What’s Happening Down There? New Aerial Video Event Recognition Dataset and DL Benchmark

Source: Artificial Intelligence on Medium

It took humans hundreds of thousands of years to figure out how to fly. But long before aircraft were developed, cultures had already formed the concept of a “bird’s-eye view.” In recent years technology has democratized the bird’s-eye view and flown our vision beyond imagination. The question is timeless: What’s happening down there?

Thanks to quadcopters, GoPros, and YouTube, there is now plenty of available UAV (unmanned aerial vehicle) video data. In the aftermath of earthquakes and floods, UAVs are used for estimating damage and delivering aid in areas too dangerous or difficult for human responders to access. UAVs are used to monitor wildlife in remote areas, while urban planners and other city officials, etc. use UAV cityscape data to better understand changing local environments. And of course, countless videographers and hobbyists regularly record and upload their UAV flights.

However, even with sufficient UAV video data and recent advances in computer vision research and technologies, it remains difficult to automate the process of understanding what’s happening in aerial video footage. To help with automatic interpretation, a team of researchers from the German Aerospace Center (DLR) and the Technical University of Munich recently published the paper ERA: A Dataset and Deep Learning Benchmark for Event Recognition in Aerial Videos.

The study introduces an Event Recognition in Aerial video (ERA) dataset comprising 2,866 aerial videos collected from YouTube and annotated with labels from 25 different classes corresponding to an event that can be seen unfolding over a period of five seconds. Researchers say they chose five seconds as their timeframe because the minimal duration of human short-term memory is 5 to 20 seconds.

Although most existing UAV understanding datasets focus on human-centric event recognition, human action detection, and disaster event recognition, the researchers set out to collect more general aerial videos. They gleaned 24 “Event” categories from Wikipedia and added a new “non-event” category for everything else. The 25 categories were grouped as Security, Disaster, Traffic, Productive activity, Social activity, Sport, and Non-event.

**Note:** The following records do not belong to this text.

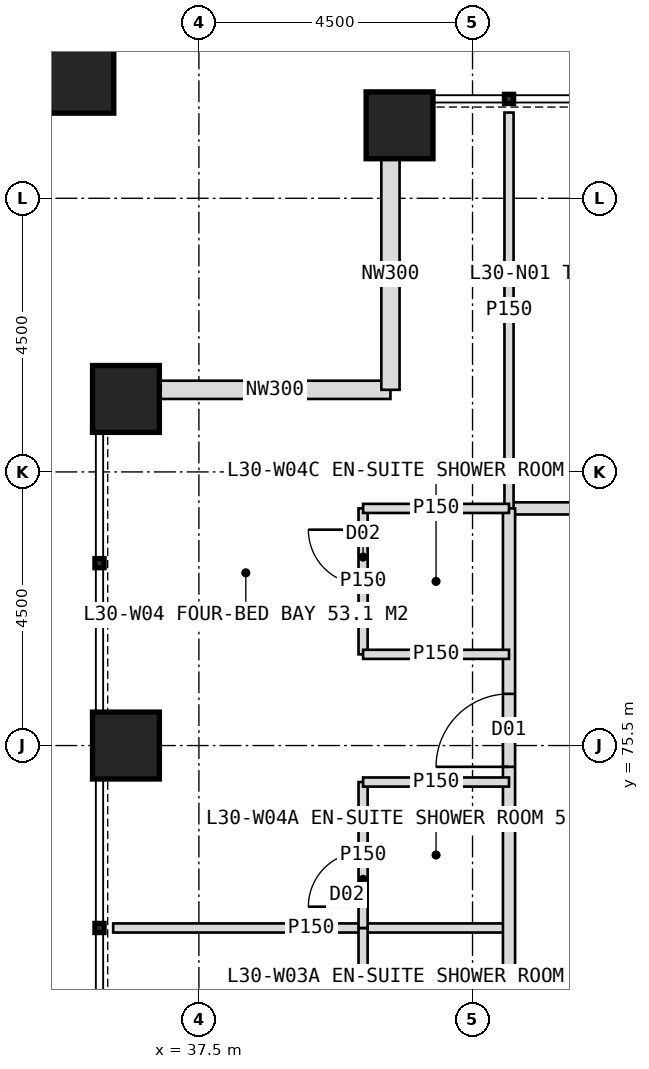
"""IFC4 building model, lengths in metres.
Left out: names, types, materials, properties, quantities, classifications, styles, units other than length and angle.
Written with IfcOpenShell. Run it as: python <this file> out.ifc"""

import sys

from ifc_helpers import new_model, si_unit, direction, frame, frame_2d, origin, origin_2d, place, context, subcontext, project, spatial, rectangle, hollow_rectangle, extrude, element, fill, save


model = new_model("IFC4")
c1 = context("Model", 3, precision=1e-05, world=origin(), true_north=direction((0.0, 1.0)))
c2 = subcontext(c1, "Body", "Model", "MODEL_VIEW")
j1 = project(units=[si_unit("LENGTHUNIT", "METRE"), si_unit("PLANEANGLEUNIT", "RADIAN")], contexts=[c1])
p1 = place(None, origin())
s1 = spatial("IfcSite", under=j1, at=p1, CompositionType="ELEMENT")
p2 = place(p1, origin())
s2 = spatial("IfcBuilding", under=s1, at=p2, CompositionType="ELEMENT")
p3 = place(p2, frame((0.0, 0.0, 128.0)))
s3 = spatial("IfcBuildingStorey", under=s2, at=p3, CompositionType="ELEMENT", Elevation=128.0)
for number, where, z_axis, x_axis in (
    (1, (40.8, 85.7, 0.0), (0.0, 0.0, 1.0), (1.0, 0.0, 0.0)),
    (2, (36.3, 75.5, 0.0), (0.0, 0.0, 1.0), (1.0, 0.0, 0.0)),
    (3, (36.3, 81.2, 0.0), (0.0, 0.0, 1.0), (1.0, 0.0, 0.0)),
):
    element("IfcColumn", number, at=place(p3, frame(where, z_axis=z_axis, x_axis=x_axis)), inside=s3, PredefinedType="COLUMN", context=c2, shape_type="SweptSolid", body=[
        extrude(hollow_rectangle(XDim=1.1, YDim=1.1, WallThickness=0.1, at=origin_2d()), origin(), (0.0, 0.0, 1.0), 4.0),
    ])
p4 = place(p3, frame((35.4, 86.6, 0.0), z_axis=(0.0, 0.0, 1.0), x_axis=(1.0, 0.0, 0.0)))
e4 = element("IfcColumn", 4, at=p4, inside=s3, PredefinedType="COLUMN", context=c2, shape_type="SweptSolid", body=[
    extrude(hollow_rectangle(XDim=1.4, YDim=1.4, WallThickness=0.08, at=origin_2d()), origin(), (0.0, 0.0, 1.0), 4.0),
])
for number, where, z_axis, x_axis in (
    (5, (36.85, 81.35, 0.0), (0.0, 0.0, 1.0), (1.0, 0.0, 0.0)),
    (6, (40.65, 81.35, 0.0), (0.0, 0.0, 1.0), (0.0, 1.0, 0.0)),
):
    element("IfcWall", number, at=place(p3, frame(where, z_axis=z_axis, x_axis=x_axis)), inside=s3, PredefinedType="ELEMENTEDWALL", context=c2, shape_type="SweptSolid", body=[
        extrude(rectangle(XDim=3.8, YDim=0.3, at=frame_2d((1.9, 0.0))), origin(), (0.0, 0.0, 1.0), 4.0),
    ])
p5 = place(p3, frame((42.6, 79.4, 0.0), z_axis=(0.0, 0.0, 1.0), x_axis=(1.0, 0.0, 0.0)))
e7 = element("IfcWall", 7, at=p5, inside=s3, PredefinedType="PARTITIONING", context=c2, shape_type="SweptSolid", body=[
    extrude(rectangle(XDim=34.8, YDim=0.2, at=frame_2d((17.4, 0.0))), origin(), (0.0, 0.0, 1.0), 3.75),
])
p6 = place(p5, frame((2.45, 0.0, 0.0)))
e8 = element("IfcOpeningElement", 8, at=p6, cuts=e7, PredefinedType="OPENING", context=c2, shape_type="SweptSolid", body=[
    extrude(rectangle(XDim=1.2, YDim=2.2, at=frame_2d((0.6, 1.1))), frame((0.0, 0.11, 0.0), z_axis=(0.0, -1.0, 0.0), x_axis=(1.0, 0.0, 0.0)), (0.0, 0.0, 1.0), 0.22),
])
p7 = place(p5, frame((10.15, 0.0, 0.0)))
e9 = element("IfcOpeningElement", 9, at=p7, cuts=e7, PredefinedType="OPENING", context=c2, shape_type="SweptSolid", body=[
    extrude(rectangle(XDim=1.2, YDim=2.2, at=frame_2d((0.6, 1.1))), frame((0.0, 0.11, 0.0), z_axis=(0.0, -1.0, 0.0), x_axis=(1.0, 0.0, 0.0)), (0.0, 0.0, 1.0), 0.22),
])
p8 = place(p5, frame((19.8, 0.0, 0.0)))
e10 = element("IfcOpeningElement", 10, at=p8, cuts=e7, PredefinedType="OPENING", context=c2, shape_type="SweptSolid", body=[
    extrude(rectangle(XDim=1.2, YDim=2.2, at=frame_2d((0.6, 1.1))), frame((0.0, 0.11, 0.0), z_axis=(0.0, -1.0, 0.0), x_axis=(1.0, 0.0, 0.0)), (0.0, 0.0, 1.0), 0.22),
])
p9 = place(p5, frame((27.55, 0.0, 0.0)))
e11 = element("IfcOpeningElement", 11, at=p9, cuts=e7, PredefinedType="OPENING", context=c2, shape_type="SweptSolid", body=[
    extrude(rectangle(XDim=1.2, YDim=2.2, at=frame_2d((0.6, 1.1))), frame((0.0, 0.11, 0.0), z_axis=(0.0, -1.0, 0.0), x_axis=(1.0, 0.0, 0.0)), (0.0, 0.0, 1.0), 0.22),
])
for number, where, z_axis, x_axis in (
    (12, (42.6, 79.4, 0.0), (0.0, 0.0, 1.0), (0.0, 1.0, 0.0)),
    (13, (42.6, 72.5, 0.0), (0.0, 0.0, 1.0), (-1.0, 0.0, 0.0)),
):
    element("IfcWall", number, at=place(p3, frame(where, z_axis=z_axis, x_axis=x_axis)), inside=s3, PredefinedType="PARTITIONING", context=c2, shape_type="SweptSolid", body=[
        extrude(rectangle(XDim=6.51, YDim=0.15, at=frame_2d((3.255, 0.0))), origin(), (0.0, 0.0, 1.0), 3.75),
    ])
p10 = place(p3, frame((42.6, 44.6, 0.0), z_axis=(0.0, 0.0, 1.0), x_axis=(0.0, 1.0, 0.0)))
e14 = element("IfcWall", 14, at=p10, inside=s3, PredefinedType="PARTITIONING", context=c2, shape_type="SweptSolid", body=[
    extrude(rectangle(XDim=34.8, YDim=0.2, at=frame_2d((17.4, 0.0))), origin(), (0.0, 0.0, 1.0), 3.75),
])
p11 = place(p10, frame((2.45, 0.0, 0.0)))
e15 = element("IfcOpeningElement", 15, at=p11, cuts=e14, PredefinedType="OPENING", context=c2, shape_type="SweptSolid", body=[
    extrude(rectangle(XDim=1.2, YDim=2.2, at=frame_2d((0.6, 1.1))), frame((0.0, 0.11, 0.0), z_axis=(0.0, -1.0, 0.0), x_axis=(1.0, 0.0, 0.0)), (0.0, 0.0, 1.0), 0.22),
])
p12 = place(p10, frame((10.15, 0.0, 0.0)))
e16 = element("IfcOpeningElement", 16, at=p12, cuts=e14, PredefinedType="OPENING", context=c2, shape_type="SweptSolid", body=[
    extrude(rectangle(XDim=1.2, YDim=2.2, at=frame_2d((0.6, 1.1))), frame((0.0, 0.11, 0.0), z_axis=(0.0, -1.0, 0.0), x_axis=(1.0, 0.0, 0.0)), (0.0, 0.0, 1.0), 0.22),
])
p13 = place(p10, frame((23.45, 0.0, 0.0)))
e17 = element("IfcOpeningElement", 17, at=p13, cuts=e14, PredefinedType="OPENING", context=c2, shape_type="SweptSolid", body=[
    extrude(rectangle(XDim=1.2, YDim=2.2, at=frame_2d((0.6, 1.1))), frame((0.0, 0.11, 0.0), z_axis=(0.0, -1.0, 0.0), x_axis=(1.0, 0.0, 0.0)), (0.0, 0.0, 1.0), 0.22),
])
p14 = place(p10, frame((30.55, 0.0, 0.0)))
e18 = element("IfcOpeningElement", 18, at=p14, cuts=e14, PredefinedType="OPENING", context=c2, shape_type="SweptSolid", body=[
    extrude(rectangle(XDim=1.2, YDim=2.2, at=frame_2d((0.6, 1.1))), frame((0.0, 0.11, 0.0), z_axis=(0.0, -1.0, 0.0), x_axis=(1.0, 0.0, 0.0)), (0.0, 0.0, 1.0), 0.22),
])
p15 = place(p3, frame((40.2, 69.5, 0.0), z_axis=(0.0, 0.0, 1.0), x_axis=(0.0, 1.0, 0.0)))
e19 = element("IfcWall", 19, at=p15, inside=s3, PredefinedType="PARTITIONING", context=c2, shape_type="SweptSolid", body=[
    extrude(rectangle(XDim=3.0, YDim=0.15, at=frame_2d((1.5, 0.0))), origin(), (0.0, 0.0, 1.0), 3.75),
])
p16 = place(p15, frame((0.35, 0.0, 0.0)))
e20 = element("IfcOpeningElement", 20, at=p16, cuts=e19, PredefinedType="OPENING", context=c2, shape_type="SweptSolid", body=[
    extrude(rectangle(XDim=0.9, YDim=2.1, at=frame_2d((0.45, 1.05))), frame((0.0, 0.085, 0.0), z_axis=(0.0, -1.0, 0.0), x_axis=(1.0, 0.0, 0.0)), (0.0, 0.0, 1.0), 0.17),
])
p17 = place(p3, frame((40.2, 72.5, 0.0), z_axis=(0.0, 0.0, 1.0), x_axis=(0.0, 1.0, 0.0)))
e21 = element("IfcWall", 21, at=p17, inside=s3, PredefinedType="PARTITIONING", context=c2, shape_type="SweptSolid", body=[
    extrude(rectangle(XDim=2.4, YDim=0.15, at=frame_2d((1.2, 0.0))), origin(), (0.0, 0.0, 1.0), 3.75),
])
p18 = place(p17, frame((0.35, 0.0, 0.0)))
e22 = element("IfcOpeningElement", 22, at=p18, cuts=e21, PredefinedType="OPENING", context=c2, shape_type="SweptSolid", body=[
    extrude(rectangle(XDim=0.9, YDim=2.1, at=frame_2d((0.45, 1.05))), frame((0.0, 0.085, 0.0), z_axis=(0.0, -1.0, 0.0), x_axis=(1.0, 0.0, 0.0)), (0.0, 0.0, 1.0), 0.17),
])
p19 = place(p3, frame((42.6, 74.9, 0.0), z_axis=(0.0, 0.0, 1.0), x_axis=(-1.0, 0.0, 0.0)))
e23 = element("IfcWall", 23, at=p19, inside=s3, PredefinedType="PARTITIONING", context=c2, shape_type="SweptSolid", body=[
    extrude(rectangle(XDim=2.4, YDim=0.15, at=frame_2d((1.2, 0.0))), origin(), (0.0, 0.0, 1.0), 3.75),
])
p20 = place(p3, frame((40.2, 77.0, 0.0), z_axis=(0.0, 0.0, 1.0), x_axis=(0.0, 1.0, 0.0)))
e24 = element("IfcWall", 24, at=p20, inside=s3, PredefinedType="PARTITIONING", context=c2, shape_type="SweptSolid", body=[
    extrude(rectangle(XDim=2.4, YDim=0.15, at=frame_2d((1.2, 0.0))), origin(), (0.0, 0.0, 1.0), 3.75),
])
p21 = place(p20, frame((1.15, 0.0, 0.0)))
e25 = element("IfcOpeningElement", 25, at=p21, cuts=e24, PredefinedType="OPENING", context=c2, shape_type="SweptSolid", body=[
    extrude(rectangle(XDim=0.9, YDim=2.1, at=frame_2d((0.45, 1.05))), frame((0.0, 0.085, 0.0), z_axis=(0.0, -1.0, 0.0), x_axis=(1.0, 0.0, 0.0)), (0.0, 0.0, 1.0), 0.17),
])
for number, where, z_axis, x_axis in (
    (26, (42.6, 77.0, 0.0), (0.0, 0.0, 1.0), (-1.0, 0.0, 0.0)),
    (27, (42.6, 79.4, 0.0), (0.0, 0.0, 1.0), (-1.0, 0.0, 0.0)),
):
    element("IfcWall", number, at=place(p3, frame(where, z_axis=z_axis, x_axis=x_axis)), inside=s3, PredefinedType="PARTITIONING", context=c2, shape_type="SweptSolid", body=[
        extrude(rectangle(XDim=2.4, YDim=0.15, at=frame_2d((1.2, 0.0))), origin(), (0.0, 0.0, 1.0), 3.75),
    ])
p22 = place(p14, origin())
e28 = element("IfcDoor", 28, at=p22, inside=s3, OperationType="SINGLE_SWING_LEFT", PredefinedType="DOOR", context=c2, shape_type="SweptSolid", body=[
    extrude(rectangle(XDim=1.2, YDim=2.2, at=frame_2d((0.6, 1.1))), frame((0.0, 0.025, 0.0), z_axis=(0.0, -1.0, 0.0), x_axis=(1.0, 0.0, 0.0)), (0.0, 0.0, 1.0), 0.05),
])
fill(e18, e28)
p23 = place(p18, origin())
e29 = element("IfcDoor", 29, at=p23, inside=s3, OperationType="SINGLE_SWING_LEFT", PredefinedType="DOOR", context=c2, shape_type="SweptSolid", body=[
    extrude(rectangle(XDim=0.9, YDim=2.1, at=frame_2d((0.45, 1.05))), frame((0.0, 0.025, 0.0), z_axis=(0.0, -1.0, 0.0), x_axis=(1.0, 0.0, 0.0)), (0.0, 0.0, 1.0), 0.05),
])
fill(e22, e29)
p24 = place(p21, origin())
e30 = element("IfcDoor", 30, at=p24, inside=s3, OperationType="SINGLE_SWING_RIGHT", PredefinedType="DOOR", context=c2, shape_type="SweptSolid", body=[
    extrude(rectangle(XDim=0.9, YDim=2.1, at=frame_2d((0.45, 1.05))), frame((0.0, 0.025, 0.0), z_axis=(0.0, -1.0, 0.0), x_axis=(1.0, 0.0, 0.0)), (0.0, 0.0, 1.0), 0.05),
])
fill(e25, e30)
save(model, sys.argv[1])
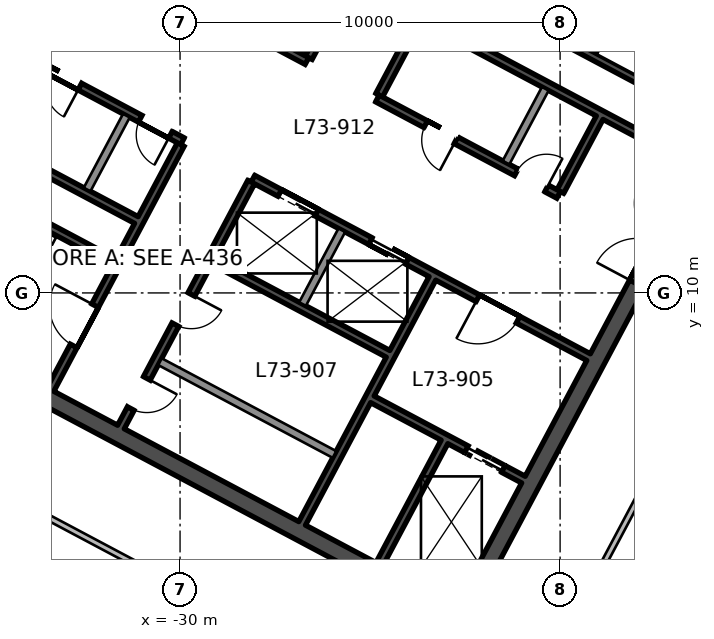
"""IFC4 building model, lengths in metres.
Left out: names, types, materials, properties, quantities, classifications, styles, units other than length and angle.
Written with IfcOpenShell. Run it as: python <this file> out.ifc"""

import sys

from ifc_helpers import new_model, si_unit, direction, frame, frame_2d, origin, place, context, subcontext, project, spatial, rectangle, extrude, element, fill, save


model = new_model("IFC4")
c1 = context("Model", 3, precision=1e-05, world=origin(), true_north=direction((0.0, 1.0)))
c2 = subcontext(c1, "Body", "Model", "MODEL_VIEW")
j1 = project(units=[si_unit("LENGTHUNIT", "METRE"), si_unit("PLANEANGLEUNIT", "RADIAN")], contexts=[c1])
p1 = place(None, origin())
s1 = spatial("IfcSite", under=j1, at=p1, CompositionType="ELEMENT")
p2 = place(p1, origin())
s2 = spatial("IfcBuilding", under=s1, at=p2, CompositionType="ELEMENT")
p3 = place(p2, frame((0.0, 0.0, 320.4)))
s3 = spatial("IfcBuildingStorey", under=s2, at=p3, CompositionType="ELEMENT", Elevation=320.4)
p4 = place(p3, frame((-13.771, 18.138, 0.0), z_axis=(0.0, 0.0, 1.0), x_axis=(-0.469467968382, -0.882949504028, 0.0)))
e1 = element("IfcWall", 1, at=p4, inside=s3, PredefinedType="SHEAR", context=c2, shape_type="SweptSolid", body=[
    extrude(rectangle(XDim=19.1, YDim=0.45, at=frame_2d((9.55, 0.0))), origin(), (0.0, 0.0, 1.0), 3.9),
])
p5 = place(p4, frame((6.55, 0.0, 0.0)))
e2 = element("IfcOpeningElement", 2, at=p5, cuts=e1, PredefinedType="OPENING", context=c2, shape_type="SweptSolid", body=[
    extrude(rectangle(XDim=2.4, YDim=2.4, at=frame_2d((1.2, 1.2))), frame((0.0, 0.235, 0.0), z_axis=(0.0, -1.0, 0.0), x_axis=(1.0, 0.0, 0.0)), (0.0, 0.0, 1.0), 0.47),
])
p6 = place(p3, frame((-32.004, 27.833, 0.0), z_axis=(0.0, 0.0, 1.0), x_axis=(-0.469467968382, -0.882949504028, 0.0)))
e3 = element("IfcWall", 3, at=p6, inside=s3, PredefinedType="SHEAR", context=c2, shape_type="SweptSolid", body=[
    extrude(rectangle(XDim=19.1, YDim=0.45, at=frame_2d((9.55, 0.0))), origin(), (0.0, 0.0, 1.0), 3.9),
])
p7 = place(p6, frame((10.15, 0.0, 0.0)))
e4 = element("IfcOpeningElement", 4, at=p7, cuts=e3, PredefinedType="OPENING", context=c2, shape_type="SweptSolid", body=[
    extrude(rectangle(XDim=2.4, YDim=2.4, at=frame_2d((1.2, 1.2))), frame((0.0, 0.235, 0.0), z_axis=(0.0, -1.0, 0.0), x_axis=(1.0, 0.0, 0.0)), (0.0, 0.0, 1.0), 0.47),
])
p8 = place(p3, frame((-22.832, 1.578, 0.0), z_axis=(0.0, 0.0, 1.0), x_axis=(-0.88294509198, 0.469476266226, 0.0)))
e5 = element("IfcWall", 5, at=p8, inside=s3, PredefinedType="SHEAR", context=c2, shape_type="SweptSolid", body=[
    extrude(rectangle(XDim=20.2, YDim=0.45, at=frame_2d((10.1, 0.0))), origin(), (0.0, 0.0, 1.0), 3.9),
])
p9 = place(p3, frame((-23.043, 6.08, 0.0), z_axis=(0.0, 0.0, 1.0), x_axis=(-0.469494272526, -0.882935517501, 0.0)))
e6 = element("IfcWall", 6, at=p9, inside=s3, PredefinedType="SHEAR", context=c2, shape_type="SweptSolid", body=[
    extrude(rectangle(XDim=3.65, YDim=0.2, at=frame_2d((1.825, 0.0))), origin(), (0.0, 0.0, 1.0), 3.9),
])
p10 = place(p3, frame((-18.96, 14.611, 0.0), z_axis=(0.0, 0.0, 1.0), x_axis=(-0.4694473164, -0.882960484464, 0.0)))
e7 = element("IfcWall", 7, at=p10, inside=s3, PredefinedType="SHEAR", context=c2, shape_type="SweptSolid", body=[
    extrude(rectangle(XDim=2.2, YDim=0.2, at=frame_2d((1.1, 0.0))), origin(), (0.0, 0.0, 1.0), 3.9),
])
p11 = place(p3, frame((-20.39, 15.372, 0.0), z_axis=(0.0, 0.0, 1.0), x_axis=(-0.4694473164, -0.882960484464, 0.0)))
e8 = element("IfcWall", 8, at=p11, inside=s3, PredefinedType="SOLIDWALL", context=c2, shape_type="SweptSolid", body=[
    extrude(rectangle(XDim=2.2, YDim=0.2, at=frame_2d((1.1, 0.0))), origin(), (0.0, 0.0, 1.0), 3.9),
])
p12 = place(p3, frame((-23.36, 10.382, 0.0), z_axis=(0.0, 0.0, 1.0), x_axis=(-0.469480409012, -0.88294288918, 0.0)))
e9 = element("IfcWall", 9, at=p12, inside=s3, PredefinedType="SHEAR", context=c2, shape_type="SweptSolid", body=[
    extrude(rectangle(XDim=7.3, YDim=0.2, at=frame_2d((3.65, 0.0))), origin(), (0.0, 0.0, 1.0), 3.9),
])
p13 = place(p3, frame((-25.744, 11.65, 0.0), z_axis=(0.0, 0.0, 1.0), x_axis=(-0.469487830541, -0.882938942948, 0.0)))
e10 = element("IfcWall", 10, at=p13, inside=s3, PredefinedType="SOLIDWALL", context=c2, shape_type="SweptSolid", body=[
    extrude(rectangle(XDim=2.2, YDim=0.2, at=frame_2d((1.1, 0.0))), origin(), (0.0, 0.0, 1.0), 3.9),
])
p14 = place(p3, frame((-21.333, 21.649, 0.0), z_axis=(0.0, 0.0, 1.0), x_axis=(-0.469494272526, -0.882935517501, 0.0)))
e11 = element("IfcWall", 11, at=p14, inside=s3, PredefinedType="SHEAR", context=c2, shape_type="SweptSolid", body=[
    extrude(rectangle(XDim=7.3, YDim=0.2, at=frame_2d((3.65, 0.0))), origin(), (0.0, 0.0, 1.0), 3.9),
])
p15 = place(p14, frame((1.3, 0.0, 0.0)))
e12 = element("IfcOpeningElement", 12, at=p15, cuts=e11, PredefinedType="OPENING", context=c2, shape_type="SweptSolid", body=[
    extrude(rectangle(XDim=1.2, YDim=2.1, at=frame_2d((0.6, 1.05))), frame((0.0, 0.11, 0.0), z_axis=(0.0, -1.0, 0.0), x_axis=(1.0, 0.0, 0.0)), (0.0, 0.0, 1.0), 0.22),
])
p16 = place(p3, frame((-28.128, 12.917, 0.0), z_axis=(0.0, 0.0, 1.0), x_axis=(-0.469454336211, -0.882956752176, 0.0)))
e13 = element("IfcWall", 13, at=p16, inside=s3, PredefinedType="SHEAR", context=c2, shape_type="SweptSolid", body=[
    extrude(rectangle(XDim=7.3, YDim=0.2, at=frame_2d((3.65, 0.0))), origin(), (0.0, 0.0, 1.0), 3.9),
])
p17 = place(p16, frame((3.35, 0.0, 0.0)))
e14 = element("IfcOpeningElement", 14, at=p17, cuts=e13, PredefinedType="OPENING", context=c2, shape_type="SweptSolid", body=[
    extrude(rectangle(XDim=0.9, YDim=2.1, at=frame_2d((0.45, 1.05))), frame((0.0, 0.11, 0.0), z_axis=(0.0, -1.0, 0.0), x_axis=(1.0, 0.0, 0.0)), (0.0, 0.0, 1.0), 0.22),
])
p18 = place(p16, frame((5.85, 0.0, 0.0)))
e15 = element("IfcOpeningElement", 15, at=p18, cuts=e13, PredefinedType="OPENING", context=c2, shape_type="SweptSolid", body=[
    extrude(rectangle(XDim=0.9, YDim=2.1, at=frame_2d((0.45, 1.05))), frame((0.0, 0.11, 0.0), z_axis=(0.0, -1.0, 0.0), x_axis=(1.0, 0.0, 0.0)), (0.0, 0.0, 1.0), 0.22),
])
p19 = place(p3, frame((-23.188, 22.635, 0.0), z_axis=(0.0, 0.0, 1.0), x_axis=(-0.469454336211, -0.882956752176, 0.0)))
e16 = element("IfcWall", 16, at=p19, inside=s3, PredefinedType="SHEAR", context=c2, shape_type="SweptSolid", body=[
    extrude(rectangle(XDim=7.3, YDim=0.2, at=frame_2d((3.65, 0.0))), origin(), (0.0, 0.0, 1.0), 3.9),
])
p20 = place(p19, frame((0.55, 0.0, 0.0)))
e17 = element("IfcOpeningElement", 17, at=p20, cuts=e16, PredefinedType="OPENING", context=c2, shape_type="SweptSolid", body=[
    extrude(rectangle(XDim=0.9, YDim=2.1, at=frame_2d((0.45, 1.05))), frame((0.0, 0.11, 0.0), z_axis=(0.0, -1.0, 0.0), x_axis=(1.0, 0.0, 0.0)), (0.0, 0.0, 1.0), 0.22),
])
p21 = place(p19, frame((2.3, 0.0, 0.0)))
e18 = element("IfcOpeningElement", 18, at=p21, cuts=e16, PredefinedType="OPENING", context=c2, shape_type="SweptSolid", body=[
    extrude(rectangle(XDim=0.9, YDim=2.1, at=frame_2d((0.45, 1.05))), frame((0.0, 0.11, 0.0), z_axis=(0.0, -1.0, 0.0), x_axis=(1.0, 0.0, 0.0)), (0.0, 0.0, 1.0), 0.22),
])
p22 = place(p19, frame((3.8, 0.0, 0.0)))
e19 = element("IfcOpeningElement", 19, at=p22, cuts=e16, PredefinedType="OPENING", context=c2, shape_type="SweptSolid", body=[
    extrude(rectangle(XDim=0.9, YDim=2.1, at=frame_2d((0.45, 1.05))), frame((0.0, 0.11, 0.0), z_axis=(0.0, -1.0, 0.0), x_axis=(1.0, 0.0, 0.0)), (0.0, 0.0, 1.0), 0.22),
])
p23 = place(p3, frame((-29.982, 13.903, 0.0), z_axis=(0.0, 0.0, 1.0), x_axis=(-0.469454336211, -0.882956752176, 0.0)))
e20 = element("IfcWall", 20, at=p23, inside=s3, PredefinedType="SHEAR", context=c2, shape_type="SweptSolid", body=[
    extrude(rectangle(XDim=7.3, YDim=0.2, at=frame_2d((3.65, 0.0))), origin(), (0.0, 0.0, 1.0), 3.9),
])
p24 = place(p23, frame((4.8, 0.0, 0.0)))
e21 = element("IfcOpeningElement", 21, at=p24, cuts=e20, PredefinedType="OPENING", context=c2, shape_type="SweptSolid", body=[
    extrude(rectangle(XDim=1.2, YDim=2.1, at=frame_2d((0.6, 1.05))), frame((0.0, 0.11, 0.0), z_axis=(0.0, -1.0, 0.0), x_axis=(1.0, 0.0, 0.0)), (0.0, 0.0, 1.0), 0.22),
])
p25 = place(p3, frame((-31.413, 14.664, 0.0), z_axis=(0.0, 0.0, 1.0), x_axis=(-0.469533832133, -0.882914480843, 0.0)))
e22 = element("IfcWall", 22, at=p25, inside=s3, PredefinedType="SOLIDWALL", context=c2, shape_type="SweptSolid", body=[
    extrude(rectangle(XDim=2.2, YDim=0.2, at=frame_2d((1.1, 0.0))), origin(), (0.0, 0.0, 1.0), 3.9),
])
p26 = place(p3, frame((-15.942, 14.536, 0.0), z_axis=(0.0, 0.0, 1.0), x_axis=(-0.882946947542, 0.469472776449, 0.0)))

Unlike previous datasets for aerial video understanding that tend to be collected in well-controlled environments, researchers also included videos shot under poor conditions — for example with low spatial resolution, extreme illumination conditions, bad weather conditions, etc.

In their experiments the researchers used a collection of single-frame classification models and video classification models as baselines. In classifying parade/protest and concert class events, a Temporal Relation Network (TRN) demonstrated high-scoring predictions. TRN is designed to recognize human actions by reasoning about multiscale temporal relations among video frames, and its excellent performance suggests that efficiently exploiting temporal clues helps in distinguishing events of minor inter-class variances.

Meanwhile, the unsurprising finding that extreme conditions can disturb predictions validated researchers’ caution regarding videos shot at night, snow scenes, etc. Such videos tended to be misclassified, presenting a new challenge for future studies.

The paper’s first author Lichao Mou told Synced “To our best knowledge, the proposed dataset, ERA, is the first dataset for generic event understanding from a bird’s eye view.” The paper notes that as the first of its kind, ERA is bound to experience growing pains. For instance, the imbalanced distribution across the dataset’s 25 classes could be a challenge for developing unbiased models.

The ERA dataset release comes amid continuing concerns regarding both government and private drone use, especially in urban environments. The New York Police Department acquired a fleet of 14 drones in December 2018, which it said would be used to monitor events such as concerts or in hostage and other crime scene investigations. The New York Civil Liberties Union responded with a statement asserting the policy ”opens the door to the police department building a permanent archive of drone footage of political activity and intimate private behavior visible only from the sky

What’s happening down there? The ERA dataset can be a valuable tool in the development of AI models that understand the view from above better than we’ve ever imagined. As with many frontier technologies, the potential benefits must be balanced with respect for legitimate privacy concerns, which is yet another challenge facing researchers.

The paper ERA: A Dataset and Deep Learning Benchmark for Event Recognition in Aerial Videos is on arXiv, while additional information and updates can be found on the ERA dataset website.